I'd say a male but not 100% be able to tell in a few more months, take a look at this site its full of pixie frog info sexing etc http://fatfrogs.7.forumer.com/index.php, got a female myself she is a right top mucher so god help with one twice the size :lol2:


----------



## Rico (Jan 5, 2007)

Spence said:


> I'd say a male but not 100% be able to tell in a few more months, take a look at this site its full of pixie frog info sexing etc Fat Frogs Forums :: Index, got a female myself she is a right top mucher so god help with one twice the size :lol2:


Thanks Im hoping for a male. Shocking the way these eat isnt it. I think he probably costs more to feed than all 3 of my boas put together


----------



## Rico (Jan 5, 2007)

Hes still growing well seems to love dubia roaches more than anything.

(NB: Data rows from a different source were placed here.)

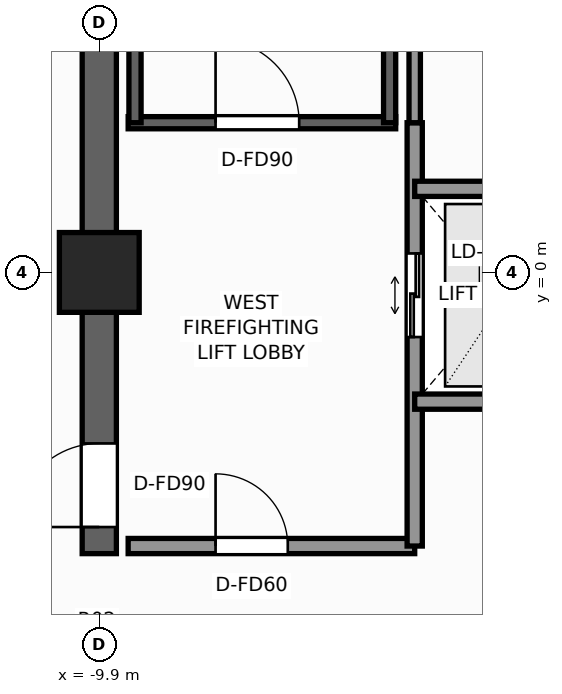
"""IFC4 building model, lengths in metres.
Left out: names, types, materials, properties, quantities, classifications, styles, units other than length and angle.
Written with IfcOpenShell. Run it as: python <this file> out.ifc"""

import sys

from ifc_helpers import new_model, si_unit, direction, frame, frame_2d, origin, origin_2d, place, context, subcontext, project, spatial, rectangle, extrude, element, fill, save


model = new_model("IFC4")
c1 = context("Model", 3, precision=1e-05, world=origin(), true_north=direction((0.0, 1.0)))
c2 = subcontext(c1, "Body", "Model", "MODEL_VIEW")
j1 = project(units=[si_unit("LENGTHUNIT", "METRE"), si_unit("PLANEANGLEUNIT", "RADIAN")], contexts=[c1])
p1 = place(None, origin())
s1 = spatial("IfcSite", under=j1, at=p1, CompositionType="ELEMENT")
p2 = place(p1, origin())
s2 = spatial("IfcBuilding", under=s1, at=p2, CompositionType="ELEMENT")
p3 = place(p2, frame((0.0, 0.0, 254.9)))
s3 = spatial("IfcBuildingStorey", under=s2, at=p3, CompositionType="ELEMENT", Elevation=254.9)
p4 = place(p3, frame((-9.9, -3.7, 0.0), z_axis=(0.0, 0.0, 1.0), x_axis=(0.0, 1.0, 0.0)))
e1 = element("IfcWall", 1, at=p4, inside=s3, PredefinedType="SHEAR", context=c2, shape_type="SweptSolid", body=[
    extrude(rectangle(XDim=13.375, YDim=0.45, at=frame_2d((6.688, 0.0))), origin(), (0.0, 0.0, 1.0), 3.5),
])
p5 = place(p4, frame((0.35, 0.0, 0.0)))
e2 = element("IfcOpeningElement", 2, at=p5, cuts=e1, PredefinedType="OPENING", context=c2, shape_type="SweptSolid", body=[
    extrude(rectangle(XDim=1.1, YDim=2.2, at=frame_2d((0.55, 1.1))), frame((0.0, 0.235, 0.0), z_axis=(0.0, -1.0, 0.0), x_axis=(1.0, 0.0, 0.0)), (0.0, 0.0, 1.0), 0.47),
])
p6 = place(p3, frame((-9.9, 0.0, 0.0), z_axis=(0.0, 0.0, 1.0), x_axis=(1.0, 0.0, 0.0)))
e3 = element("IfcColumn", 3, at=p6, inside=s3, PredefinedType="COLUMN", context=c2, shape_type="SweptSolid", body=[
    extrude(rectangle(XDim=1.05, YDim=1.05, at=origin_2d()), origin(), (0.0, 0.0, 1.0), 3.5),
])
p7 = place(p3, frame((-9.52, 1.97, 0.0), z_axis=(0.0, 0.0, 1.0), x_axis=(1.0, 0.0, 0.0)))
e4 = element("IfcWall", 4, at=p7, inside=s3, PredefinedType="SHEAR", context=c2, shape_type="SweptSolid", body=[
    extrude(rectangle(XDim=3.52, YDim=0.16, at=frame_2d((1.76, 0.0))), origin(), (0.0, 0.0, 1.0), 3.5),
])
p8 = place(p7, frame((1.15, 0.0, 0.0)))
e5 = element("IfcOpeningElement", 5, at=p8, cuts=e4, PredefinedType="OPENING", context=c2, shape_type="SweptSolid", body=[
    extrude(rectangle(XDim=1.1, YDim=2.2, at=frame_2d((0.55, 1.1))), frame((0.0, 0.09, 0.0), z_axis=(0.0, -1.0, 0.0), x_axis=(1.0, 0.0, 0.0)), (0.0, 0.0, 1.0), 0.18),
])
for number, where, z_axis, x_axis in (
    (6, (-9.43, 1.97, 0.0), (0.0, 0.0, 1.0), (0.0, 1.0, 0.0)),
    (7, (-6.08, 1.97, 0.0), (0.0, 0.0, 1.0), (0.0, 1.0, 0.0)),
):
    element("IfcWall", number, at=place(p3, frame(where, z_axis=z_axis, x_axis=x_axis)), inside=s3, PredefinedType="SHEAR", context=c2, shape_type="SweptSolid", body=[
        extrude(rectangle(XDim=7.56, YDim=0.16, at=frame_2d((3.78, 0.0))), origin(), (0.0, 0.0, 1.0), 3.5),
    ])
p9 = place(p3, frame((-9.52, -3.6, 0.0), z_axis=(0.0, 0.0, 1.0), x_axis=(1.0, 0.0, 0.0)))
e8 = element("IfcWall", 8, at=p9, inside=s3, PredefinedType="SOLIDWALL", context=c2, shape_type="SweptSolid", body=[
    extrude(rectangle(XDim=3.77, YDim=0.2, at=frame_2d((1.885, 0.0))), origin(), (0.0, 0.0, 1.0), 3.22),
])
p10 = place(p9, frame((1.15, 0.0, 0.0)))
e9 = element("IfcOpeningElement", 9, at=p10, cuts=e8, PredefinedType="OPENING", context=c2, shape_type="SweptSolid", body=[
    extrude(rectangle(XDim=0.95, YDim=2.06, at=frame_2d((0.475, 1.03))), frame((0.0, 0.11, 0.0), z_axis=(0.0, -1.0, 0.0), x_axis=(1.0, 0.0, 0.0)), (0.0, 0.0, 1.0), 0.22),
])
p11 = place(p3, frame((-5.75, -3.6, 0.0), z_axis=(0.0, 0.0, 1.0), x_axis=(0.0, 1.0, 0.0)))
e10 = element("IfcWall", 10, at=p11, inside=s3, PredefinedType="SOLIDWALL", context=c2, shape_type="SweptSolid", body=[
    extrude(rectangle(XDim=5.57, YDim=0.2, at=frame_2d((2.785, 0.0))), origin(), (0.0, 0.0, 1.0), 3.22),
])
p12 = place(p11, frame((2.75, 0.0, 0.0)))
e11 = element("IfcOpeningElement", 11, at=p12, cuts=e10, PredefinedType="OPENING", context=c2, shape_type="SweptSolid", body=[
    extrude(rectangle(XDim=1.1, YDim=2.2, at=frame_2d((0.55, 1.1))), frame((0.0, 0.11, 0.0), z_axis=(0.0, -1.0, 0.0), x_axis=(1.0, 0.0, 0.0)), (0.0, 0.0, 1.0), 0.22),
])
for number, where, z_axis, x_axis in (
    (12, (-5.75, -1.7, 0.0), (0.0, 0.0, 1.0), (1.0, 0.0, 0.0)),
    (13, (-5.75, 1.1, 0.0), (0.0, 0.0, 1.0), (1.0, 0.0, 0.0)),
):
    element("IfcWall", number, at=place(p3, frame(where, z_axis=z_axis, x_axis=x_axis)), inside=s3, PredefinedType="SOLIDWALL", context=c2, shape_type="SweptSolid", body=[
        extrude(rectangle(XDim=2.4, YDim=0.2, at=frame_2d((1.2, 0.0))), origin(), (0.0, 0.0, 1.0), 3.22),
    ])
p13 = place(p3, frame((-5.75, 1.97, 0.0), z_axis=(0.0, 0.0, 1.0), x_axis=(0.0, 1.0, 0.0)))
e14 = element("IfcWall", 14, at=p13, inside=s3, PredefinedType="PARTITIONING", context=c2, shape_type="SweptSolid", body=[
    extrude(rectangle(XDim=2.33, YDim=0.15, at=frame_2d((1.165, 0.0))), origin(), (0.0, 0.0, 1.0), 3.22),
])
p14 = place(p8, origin())
e15 = element("IfcDoor", 15, at=p14, inside=s3, OperationType="SINGLE_SWING_LEFT", PredefinedType="DOOR", context=c2, shape_type="SweptSolid", body=[
    extrude(rectangle(XDim=1.1, YDim=2.2, at=frame_2d((0.55, 1.1))), frame((0.0, 0.025, 0.0), z_axis=(0.0, -1.0, 0.0), x_axis=(1.0, 0.0, 0.0)), (0.0, 0.0, 1.0), 0.05),
])
fill(e5, e15)
p15 = place(p5, origin())
e16 = element("IfcDoor", 16, at=p15, inside=s3, OperationType="SINGLE_SWING_LEFT", PredefinedType="DOOR", context=c2, shape_type="SweptSolid", body=[
    extrude(rectangle(XDim=1.1, YDim=2.2, at=frame_2d((0.55, 1.1))), frame((0.0, 0.025, 0.0), z_axis=(0.0, -1.0, 0.0), x_axis=(1.0, 0.0, 0.0)), (0.0, 0.0, 1.0), 0.05),
])
fill(e2, e16)
p16 = place(p12, origin())
e17 = element("IfcDoor", 17, at=p16, inside=s3, OperationType="DOUBLE_DOOR_SLIDING", PredefinedType="DOOR", context=c2, shape_type="SweptSolid", body=[
    extrude(rectangle(XDim=1.1, YDim=2.2, at=frame_2d((0.55, 1.1))), frame((0.0, 0.025, 0.0), z_axis=(0.0, -1.0, 0.0), x_axis=(1.0, 0.0, 0.0)), (0.0, 0.0, 1.0), 0.05),
])
fill(e11, e17)
p17 = place(p10, origin())
e18 = element("IfcDoor", 18, at=p17, inside=s3, OperationType="SINGLE_SWING_LEFT", PredefinedType="DOOR", context=c2, shape_type="SweptSolid", body=[
    extrude(rectangle(XDim=0.95, YDim=2.06, at=frame_2d((0.475, 1.03))), frame((0.0, 0.025, 0.0), z_axis=(0.0, -1.0, 0.0), x_axis=(1.0, 0.0, 0.0)), (0.0, 0.0, 1.0), 0.05),
])
fill(e9, e18)
save(model, sys.argv[1])

Hes 5 inches now I think hes going to be a big one.


----------



## sean k (Dec 20, 2007)

*frog*

what the hell u been feeding him on drugs.:lol2:


----------



## Pliskens_Chains (Jun 8, 2008)

arnt they great!!!!! they are fantastic frogs with great personalities. they are eating machines. :lol2:.
i think you have a male there be easier to tell when hes bigger though.


----------



## sean k (Dec 20, 2007)

*frog*

i have a dwarlf african bullfrog i am going to get a normal one soon


----------



## Alpha Dog (Jan 3, 2008)

I agree, MALE!:2thumb:


----------



## cubeykc (Aug 8, 2008)

what a big boy


----------



## Rico (Jan 5, 2007)

Yeah theyre brilliant frogs bottomless pits. He does a realy deep croaking its srange it sounds like a much bigger animal. Hes made a few lunges at me when im doing the daily cleaning always makes me jump.


----------



## jesuslovestheladies (Apr 30, 2008)

hmm... its fast growth i agree... but cud be faster...


----------



## Rico (Jan 5, 2007)

jesuslovestheladies said:


> hmm... its fast growth i agree... but cud be faster...


Im sure it could.


----------



## emily89 (Mar 18, 2008)

jesus didnt know they grew that quick lol


----------



## jesuslovestheladies (Apr 30, 2008)

erm.. well, yes they do.:whistling2:


----------



## bradastronaut (Jun 17, 2008)

Pliskens_Chains said:


> i think you have a male there be easier to tell when hes bigger though.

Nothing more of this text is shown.